<イゾウの証言>
ああ、あの二人?
あの二人はもう、マルコがいい年だし、喧嘩なんて滅多にしねェんだがなあ。
でも、で今でこそだいぶ落ち着いているけど昔は『じゃじゃ馬』なんて言われて、喧嘩を売るのは大得意みたいなところがあったな。
マルコも一度怒ると結構本気になるし。
ああ、長引くかも知れねェな、この喧嘩。



悪いのは、君のせい




。もう戻ってたのかよい」
そう声をかければ彼女が振り返り。
「あら、マルコ隊長。お久し振りです。ご機嫌麗しゅう」
明らかに不自然な台詞と貼り付けたような笑顔に思わずマルコは呆気に取られ、一緒にいたサッチにいたっては彼女の背後に吹き荒れるブリザードすら感じて身を震わせた。
「お前、何か」
変だぞと言う前にその身に向かって雷が飛んできて、マルコは避ける間もなく青い炎でそれを回避した。

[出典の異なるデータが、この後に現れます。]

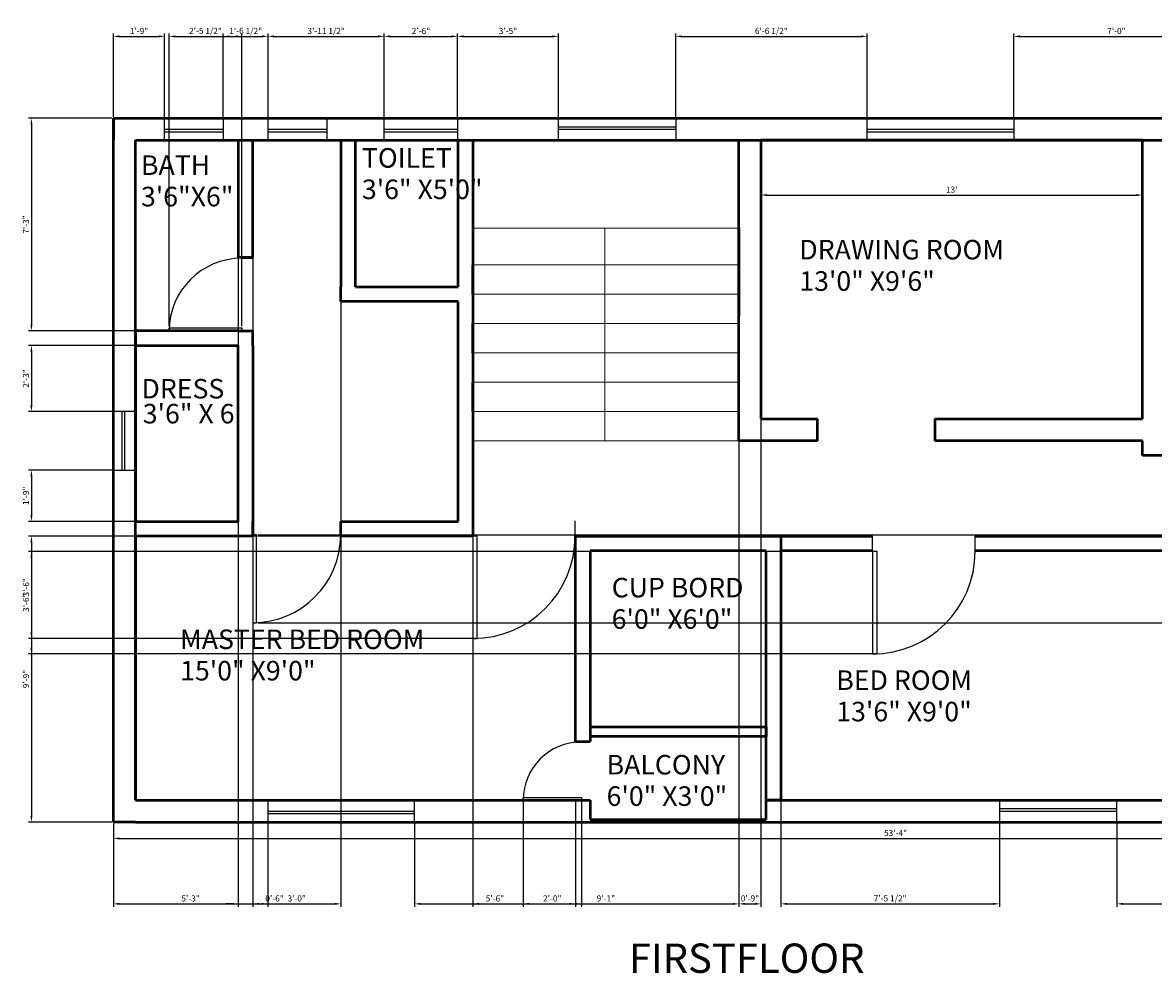
# Model space of a CAD drawing. Units: inches. Extents: x -5798 to 2718, y 1530 to 38999.
# Tile 1 of 4: x 2006 to 2468, y 1530 to 1919. Entities that reach past the tile are written whole.
import ezdxf

# ---------------------------------------------------------------- set-up
doc = ezdxf.new("R2010")
doc.units = ezdxf.units.IN
for name, color, linetype, lineweight in [('A-ANNO-DIMS', 2, 'Continuous', 18), ('A-ANNO-TEXT', 7, 'Continuous', 25), ('A-AREA-IDEN', 3, 'Continuous', 18), ('A-DOOR', 3, 'Continuous', 25), ('A-FLOR-STRS', 8, 'Continuous', 18), ('A-GLAZ', 4, 'Continuous', 25), ('A-WALL', 7, 'Continuous', 50)]:
    doc.layers.add(name, color=color, linetype=linetype, lineweight=lineweight)
doc.styles.get("Standard").update_dxf_attribs({"font": 'arial.ttf'})
doc.dimstyles.new('Copy of ISO-25', dxfattribs={"dimtxt": 2.5, "dimasz": 2.5, "dimexe": 1.25, "dimexo": 0.625, "dimtad": 1, "dimdec": 1, "dimlunit": 4, "dimtxsty": 'Standard', "dimcen": 2.5, "dimadec": 0, "dimazin": 0, "dimtfac": 1, "dimtdec": 1, "dimtmove": 0, "dimatfit": 3, "dimfxl": 1, "dimarcsym": 0})

# ---------------------------------------------------------------- blocks, each defined once
blk = doc.blocks.new('*U2')
for p, q in [((0, 0), (0, -6)), ((40, 0), (40, -6))]:
    blk.add_line(p, q)
blk.add_lwpolyline([(0, 0), (0, 40), (1.75, 40), (1.75, 0)], close=True)
blk.add_arc((0, 0), 40, 0, 90)
blk = doc.blocks.new('*U3')
for p, q in [((0, 0), (0, 6)), ((40, 0), (40, 6))]:
    blk.add_line(p, q)
blk.add_lwpolyline([(0, 0), (0, -40), (1.75, -40), (1.75, 0)], close=True)
blk.add_arc((0, 0), 40, 270, 0)
blk = doc.blocks.new('*D11')
at = {"layer": 'A-ANNO-DIMS', "color": 0, "lineweight": -2, "transparency": 16777216}
for p, q in [((2307.89, 1870.41), (2307.89, 1847.36)), ((2463.89, 1870.41), (2463.89, 1847.36)), ((2310.39, 1848.61), (2461.39, 1848.61))]:
    blk.add_line(p, q, dxfattribs=at)
at = {"layer": 'A-ANNO-DIMS', "color": 0, "transparency": 16777216}
for points in [[(2310.39, 1849.03), (2310.39, 1848.19), (2307.89, 1848.61)], [(2461.39, 1849.03), (2461.39, 1848.19), (2463.89, 1848.61)]]:
    blk.add_solid(points, dxfattribs=at)
at = {"layer": 'Defpoints', "color": 0, "transparency": 16777216}
for p in [(2307.89, 1871.03), (2463.89, 1871.03), (2463.89, 1848.61)]:
    blk.add_point(p, dxfattribs=at)
at = {"layer": 'A-ANNO-DIMS', "color": 0, "transparency": 16777216, "insert": (2385.89, 1850.51), "char_height": 2.5, "attachment_point": 5}
blk.add_mtext("13'", dxfattribs=at)
blk = doc.blocks.new('*D16')
at = {"layer": 'A-ANNO-DIMS', "color": 0, "lineweight": -2, "transparency": 16777216}
for p, q in [((2042.98, 1591.41), (2042.98, 1584.06)), ((2682.89, 1591.41), (2682.89, 1584.06)), ((2045.48, 1585.31), (2680.39, 1585.31))]:
    blk.add_line(p, q, dxfattribs=at)
at = {"layer": 'A-ANNO-DIMS', "color": 0, "transparency": 16777216}
for points in [[(2045.48, 1585.73), (2045.48, 1584.89), (2042.98, 1585.31)], [(2680.39, 1585.73), (2680.39, 1584.89), (2682.89, 1585.31)]]:
    blk.add_solid(points, dxfattribs=at)
at = {"layer": 'Defpoints', "color": 0, "transparency": 16777216}
for p in [(2042.98, 1592.03), (2682.89, 1592.03), (2682.89, 1585.31)]:
    blk.add_point(p, dxfattribs=at)
at = {"layer": 'A-ANNO-DIMS', "color": 0, "transparency": 16777216, "insert": (2362.93, 1587.21), "char_height": 2.5, "attachment_point": 5}
blk.add_mtext('53\'-4"', dxfattribs=at)
blk = doc.blocks.new('WIN-24')
for p, q in [((0, 0), (0, 9)), ((0, 9), (24, 9)), ((24, 9), (24, 0)), ((0, 4.5), (24, 4.5)), ((0, 3.5), (24, 3.5))]:
    blk.add_line(p, q)
blk = doc.blocks.new('WIN-48')
for p, q in [((0, 0), (0, 9)), ((0, 9), (48, 9)), ((0, 5.5), (48, 5.5)), ((48, 9), (48, 0)), ((0, 4.5), (48, 4.5))]:
    blk.add_line(p, q)
blk = doc.blocks.new('WIN-60')
for p, q in [((0, 0), (0, 9)), ((0, 9), (60, 9)), ((60, 9), (60, 0)), ((0, 4.5), (60, 4.5)), ((0, 3.5), (60, 3.5))]:
    blk.add_line(p, q)
blk = doc.blocks.new('WIN-48-B')
for p, q in [((0, 9), (0, 0)), ((0, 5.5), (48, 5.5)), ((48, 0), (48, 9)), ((0, 4.5), (48, 4.5)), ((0, 0), (48, 0))]:
    blk.add_line(p, q)
blk = doc.blocks.new('*D65')
at = {"layer": 'A-ANNO-DIMS', "color": 0, "lineweight": -2, "transparency": 16777216}
for p, q in [((2042.98, 1880.66), (2042.98, 1914.78)), ((2045.48, 1913.53), (2061.46, 1913.53)), ((2063.96, 1880.66), (2063.96, 1914.78))]:
    blk.add_line(p, q, dxfattribs=at)
at = {"layer": 'A-ANNO-DIMS', "color": 0, "transparency": 16777216}
for points in [[(2045.48, 1913.95), (2045.48, 1913.11), (2042.98, 1913.53)], [(2061.46, 1913.95), (2061.46, 1913.11), (2063.96, 1913.53)]]:
    blk.add_solid(points, dxfattribs=at)
at = {"layer": 'Defpoints', "color": 0, "transparency": 16777216}
for p in [(2063.96, 1913.53), (2042.98, 1880.03), (2063.96, 1880.03)]:
    blk.add_point(p, dxfattribs=at)
at = {"layer": 'A-ANNO-DIMS', "color": 0, "transparency": 16777216, "insert": (2053.47, 1915.43), "char_height": 2.5, "attachment_point": 5}
blk.add_mtext('1\'-9"', dxfattribs=at)
blk = doc.blocks.new('*D66')
at = {"layer": 'A-ANNO-DIMS', "color": 0, "lineweight": -2, "transparency": 16777216}
for p, q in [((2087.96, 1880.66), (2087.96, 1914.78)), ((2090.46, 1913.53), (2103.75, 1913.53)), ((2106.25, 1880.66), (2106.25, 1914.78))]:
    blk.add_line(p, q, dxfattribs=at)
at = {"layer": 'A-ANNO-DIMS', "color": 0, "transparency": 16777216}
for points in [[(2090.46, 1913.95), (2090.46, 1913.11), (2087.96, 1913.53)], [(2103.75, 1913.95), (2103.75, 1913.11), (2106.25, 1913.53)]]:
    blk.add_solid(points, dxfattribs=at)
at = {"layer": 'Defpoints', "color": 0, "transparency": 16777216}
for p in [(2106.25, 1913.53), (2087.96, 1880.03), (2106.25, 1880.03)]:
    blk.add_point(p, dxfattribs=at)
at = {"layer": 'A-ANNO-DIMS', "color": 0, "transparency": 16777216, "insert": (2097.1, 1915.45), "char_height": 2.5, "attachment_point": 5}
blk.add_mtext('1\'-6 1/2"', dxfattribs=at)
blk = doc.blocks.new('*D67')
at = {"layer": 'A-ANNO-DIMS', "color": 0, "lineweight": -2, "transparency": 16777216}
for p, q in [((2106.25, 1880.66), (2106.25, 1914.78)), ((2108.75, 1913.53), (2151.29, 1913.53)), ((2153.79, 1880.66), (2153.79, 1914.78))]:
    blk.add_line(p, q, dxfattribs=at)
at = {"layer": 'A-ANNO-DIMS', "color": 0, "transparency": 16777216}
for points in [[(2108.75, 1913.95), (2108.75, 1913.11), (2106.25, 1913.53)], [(2151.29, 1913.95), (2151.29, 1913.11), (2153.79, 1913.53)]]:
    blk.add_solid(points, dxfattribs=at)
at = {"layer": 'Defpoints', "color": 0, "transparency": 16777216}
for p in [(2153.79, 1913.53), (2106.25, 1880.03), (2153.79, 1880.03)]:
    blk.add_point(p, dxfattribs=at)
at = {"layer": 'A-ANNO-DIMS', "color": 0, "transparency": 16777216, "insert": (2130.02, 1915.45), "char_height": 2.5, "attachment_point": 5}
blk.add_mtext('3\'-11 1/2"', dxfattribs=at)
blk = doc.blocks.new('*D68')
at = {"layer": 'A-ANNO-DIMS', "color": 0, "lineweight": -2, "transparency": 16777216}
for p, q in [((2153.79, 1880.66), (2153.79, 1914.78)), ((2156.29, 1913.53), (2181.29, 1913.53)), ((2183.79, 1880.66), (2183.79, 1914.78))]:
    blk.add_line(p, q, dxfattribs=at)
at = {"layer": 'A-ANNO-DIMS', "color": 0, "transparency": 16777216}
for points in [[(2156.29, 1913.95), (2156.29, 1913.11), (2153.79, 1913.53)], [(2181.29, 1913.95), (2181.29, 1913.11), (2183.79, 1913.53)]]:
    blk.add_solid(points, dxfattribs=at)
at = {"layer": 'Defpoints', "color": 0, "transparency": 16777216}
for p in [(2183.79, 1913.53), (2153.79, 1880.03), (2183.79, 1880.03)]:
    blk.add_point(p, dxfattribs=at)
at = {"layer": 'A-ANNO-DIMS', "color": 0, "transparency": 16777216, "insert": (2168.79, 1915.43), "char_height": 2.5, "attachment_point": 5}
blk.add_mtext('2\'-6"', dxfattribs=at)
blk = doc.blocks.new('*D69')
at = {"layer": 'A-ANNO-DIMS', "color": 0, "lineweight": -2, "transparency": 16777216}
for p, q in [((2183.79, 1880.66), (2183.79, 1914.78)), ((2186.29, 1913.53), (2222.5, 1913.53)), ((2225, 1880.66), (2225, 1914.78))]:
    blk.add_line(p, q, dxfattribs=at)
at = {"layer": 'A-ANNO-DIMS', "color": 0, "transparency": 16777216}
for points in [[(2186.29, 1913.95), (2186.29, 1913.11), (2183.79, 1913.53)], [(2222.5, 1913.95), (2222.5, 1913.11), (2225, 1913.53)]]:
    blk.add_solid(points, dxfattribs=at)
at = {"layer": 'Defpoints', "color": 0, "transparency": 16777216}
for p in [(2225, 1913.53), (2183.79, 1880.03), (2225, 1880.03)]:
    blk.add_point(p, dxfattribs=at)
at = {"layer": 'A-ANNO-DIMS', "color": 0, "transparency": 16777216, "insert": (2204.39, 1915.43), "char_height": 2.5, "attachment_point": 5}
blk.add_mtext('3\'-5"', dxfattribs=at)
blk = doc.blocks.new('*D70')
at = {"layer": 'A-ANNO-DIMS', "color": 0, "lineweight": -2, "transparency": 16777216}
for p, q in [((2273, 1880.66), (2273, 1914.78)), ((2275.5, 1913.53), (2348.77, 1913.53)), ((2351.27, 1880.66), (2351.27, 1914.78))]:
    blk.add_line(p, q, dxfattribs=at)
at = {"layer": 'A-ANNO-DIMS', "color": 0, "transparency": 16777216}
for points in [[(2275.5, 1913.95), (2275.5, 1913.11), (2273, 1913.53)], [(2348.77, 1913.95), (2348.77, 1913.11), (2351.27, 1913.53)]]:
    blk.add_solid(points, dxfattribs=at)
at = {"layer": 'Defpoints', "color": 0, "transparency": 16777216}
for p in [(2351.27, 1913.53), (2273, 1880.03), (2351.27, 1880.03)]:
    blk.add_point(p, dxfattribs=at)
at = {"layer": 'A-ANNO-DIMS', "color": 0, "transparency": 16777216, "insert": (2312.13, 1915.45), "char_height": 2.5, "attachment_point": 5}
blk.add_mtext('6\'-6 1/2"', dxfattribs=at)
blk = doc.blocks.new('*D71')
at = {"layer": 'A-ANNO-DIMS', "color": 0, "lineweight": -2, "transparency": 16777216}
for p, q in [((2411.27, 1880.66), (2411.27, 1914.78)), ((2413.77, 1913.53), (2492.74, 1913.53)), ((2495.24, 1880.66), (2495.24, 1914.78))]:
    blk.add_line(p, q, dxfattribs=at)
at = {"layer": 'A-ANNO-DIMS', "color": 0, "transparency": 16777216}
for points in [[(2413.77, 1913.95), (2413.77, 1913.11), (2411.27, 1913.53)], [(2492.74, 1913.95), (2492.74, 1913.11), (2495.24, 1913.53)]]:
    blk.add_solid(points, dxfattribs=at)
at = {"layer": 'Defpoints', "color": 0, "transparency": 16777216}
for p in [(2495.24, 1913.53), (2411.27, 1880.03), (2495.24, 1880.03)]:
    blk.add_point(p, dxfattribs=at)
at = {"layer": 'A-ANNO-DIMS', "color": 0, "transparency": 16777216, "insert": (2453.26, 1915.43), "char_height": 2.5, "attachment_point": 5}
blk.add_mtext('7\'-0"', dxfattribs=at)
blk = doc.blocks.new('*D74')
at = {"layer": 'A-ANNO-DIMS', "color": 0, "lineweight": -2, "transparency": 16777216}
for p, q in [((2099.98, 1870.41), (2099.98, 1557.28)), ((2135.98, 1870.41), (2135.98, 1557.28)), ((2102.48, 1558.53), (2133.48, 1558.53))]:
    blk.add_line(p, q, dxfattribs=at)
at = {"layer": 'A-ANNO-DIMS', "color": 0, "transparency": 16777216}
for points in [[(2102.48, 1558.95), (2102.48, 1558.11), (2099.98, 1558.53)], [(2133.48, 1558.95), (2133.48, 1558.11), (2135.98, 1558.53)]]:
    blk.add_solid(points, dxfattribs=at)
at = {"layer": 'Defpoints', "color": 0, "transparency": 16777216}
for p in [(2099.98, 1871.03), (2135.98, 1871.03), (2135.98, 1558.53)]:
    blk.add_point(p, dxfattribs=at)
at = {"layer": 'A-ANNO-DIMS', "color": 0, "transparency": 16777216, "insert": (2117.98, 1560.43), "char_height": 2.5, "attachment_point": 5}
blk.add_mtext('3\'-0"', dxfattribs=at)
blk = doc.blocks.new('*D75')
at = {"layer": 'A-ANNO-DIMS', "color": 0, "lineweight": -2, "transparency": 16777216}
for p, q in [((2093.98, 1870.41), (2093.98, 1557.28)), ((2099.98, 1870.41), (2099.98, 1557.28)), ((2091.48, 1558.53), (2088.98, 1558.53)), ((2093.98, 1558.53), (2099.98, 1558.53)), ((2102.48, 1558.53), (2112.87, 1558.53))]:
    blk.add_line(p, q, dxfattribs=at)
at = {"layer": 'A-ANNO-DIMS', "color": 0, "transparency": 16777216}
for points in [[(2091.48, 1558.95), (2091.48, 1558.11), (2093.98, 1558.53)], [(2102.48, 1558.95), (2102.48, 1558.11), (2099.98, 1558.53)]]:
    blk.add_solid(points, dxfattribs=at)
at = {"layer": 'Defpoints', "color": 0, "transparency": 16777216}
for p in [(2093.98, 1871.03), (2099.98, 1871.03), (2099.98, 1558.53)]:
    blk.add_point(p, dxfattribs=at)
at = {"layer": 'A-ANNO-DIMS', "color": 0, "transparency": 16777216, "insert": (2108.92, 1560.43), "char_height": 2.5, "attachment_point": 5}
blk.add_mtext('0\'-6"', dxfattribs=at)
blk = doc.blocks.new('*D76')
at = {"layer": 'A-ANNO-DIMS', "color": 0, "lineweight": -2, "transparency": 16777216}
for p, q in [((2189.98, 1870.41), (2189.98, 1557.28)), ((2298.89, 1870.41), (2298.89, 1557.28)), ((2192.48, 1558.53), (2296.39, 1558.53))]:
    blk.add_line(p, q, dxfattribs=at)
at = {"layer": 'A-ANNO-DIMS', "color": 0, "transparency": 16777216}
for points in [[(2192.48, 1558.95), (2192.48, 1558.11), (2189.98, 1558.53)], [(2296.39, 1558.95), (2296.39, 1558.11), (2298.89, 1558.53)]]:
    blk.add_solid(points, dxfattribs=at)
at = {"layer": 'Defpoints', "color": 0, "transparency": 16777216}
for p in [(2189.98, 1871.03), (2298.89, 1871.03), (2298.89, 1558.53)]:
    blk.add_point(p, dxfattribs=at)
at = {"layer": 'A-ANNO-DIMS', "color": 0, "transparency": 16777216, "insert": (2244.43, 1560.43), "char_height": 2.5, "attachment_point": 5}
blk.add_mtext('9\'-1"', dxfattribs=at)
blk = doc.blocks.new('*D77')
at = {"layer": 'A-ANNO-DIMS', "color": 0, "lineweight": -2, "transparency": 16777216}
for p, q in [((2298.89, 1870.41), (2298.89, 1557.28)), ((2307.89, 1870.41), (2307.89, 1557.28)), ((2301.39, 1558.53), (2305.39, 1558.53))]:
    blk.add_line(p, q, dxfattribs=at)
at = {"layer": 'A-ANNO-DIMS', "color": 0, "transparency": 16777216}
for points in [[(2301.39, 1558.95), (2301.39, 1558.11), (2298.89, 1558.53)], [(2305.39, 1558.95), (2305.39, 1558.11), (2307.89, 1558.53)]]:
    blk.add_solid(points, dxfattribs=at)
at = {"layer": 'Defpoints', "color": 0, "transparency": 16777216}
for p in [(2298.89, 1871.03), (2307.89, 1871.03), (2307.89, 1558.53)]:
    blk.add_point(p, dxfattribs=at)
at = {"layer": 'A-ANNO-DIMS', "color": 0, "transparency": 16777216, "insert": (2303.39, 1560.43), "char_height": 2.5, "attachment_point": 5}
blk.add_mtext('0\'-9"', dxfattribs=at)
blk = doc.blocks.new('*D80')
at = {"layer": 'A-ANNO-DIMS', "color": 0, "lineweight": -2, "transparency": 16777216}
for p, q in [((2042.35, 1880.03), (2008.23, 1880.03)), ((2009.48, 1877.53), (2009.48, 1795.53)), ((2051.35, 1793.03), (2008.23, 1793.03))]:
    blk.add_line(p, q, dxfattribs=at)
at = {"layer": 'A-ANNO-DIMS', "color": 0, "transparency": 16777216}
for points in [[(2009.06, 1877.53), (2009.89, 1877.53), (2009.48, 1880.03)], [(2009.06, 1795.53), (2009.89, 1795.53), (2009.48, 1793.03)]]:
    blk.add_solid(points, dxfattribs=at)
at = {"layer": 'Defpoints', "color": 0, "transparency": 16777216}
for p in [(2042.98, 1880.03), (2009.48, 1793.03), (2051.98, 1793.03)]:
    blk.add_point(p, dxfattribs=at)
at = {"layer": 'A-ANNO-DIMS', "color": 0, "transparency": 16777216, "insert": (2007.57, 1836.53), "char_height": 2.5, "attachment_point": 5, "rotation": 90}
blk.add_mtext('7\'-3"', dxfattribs=at)
blk = doc.blocks.new('*D81')
at = {"layer": 'A-ANNO-DIMS', "color": 0, "lineweight": -2, "transparency": 16777216}
for p, q in [((2051.35, 1787.03), (2008.23, 1787.03)), ((2009.48, 1784.53), (2009.48, 1762.53)), ((2042.35, 1760.03), (2008.23, 1760.03))]:
    blk.add_line(p, q, dxfattribs=at)
at = {"layer": 'A-ANNO-DIMS', "color": 0, "transparency": 16777216}
for points in [[(2009.06, 1784.53), (2009.89, 1784.53), (2009.48, 1787.03)], [(2009.06, 1762.53), (2009.89, 1762.53), (2009.48, 1760.03)]]:
    blk.add_solid(points, dxfattribs=at)
at = {"layer": 'Defpoints', "color": 0, "transparency": 16777216}
for p in [(2051.98, 1787.03), (2009.48, 1760.03), (2042.98, 1760.03)]:
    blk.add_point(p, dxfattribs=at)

隣にいたサッチは脱兎の如く逃げ出している。それはそうだ。マルコと違い彼に再生能力など無い。彼女の雷など喰らいたくもないだろう。
「イキナリ何してくれんだよい」
彼女の性格やら性質については昔から十分に理解していたつもりだが、それでも顔を合わせた途端に雷を喰らわされた事なんて無い。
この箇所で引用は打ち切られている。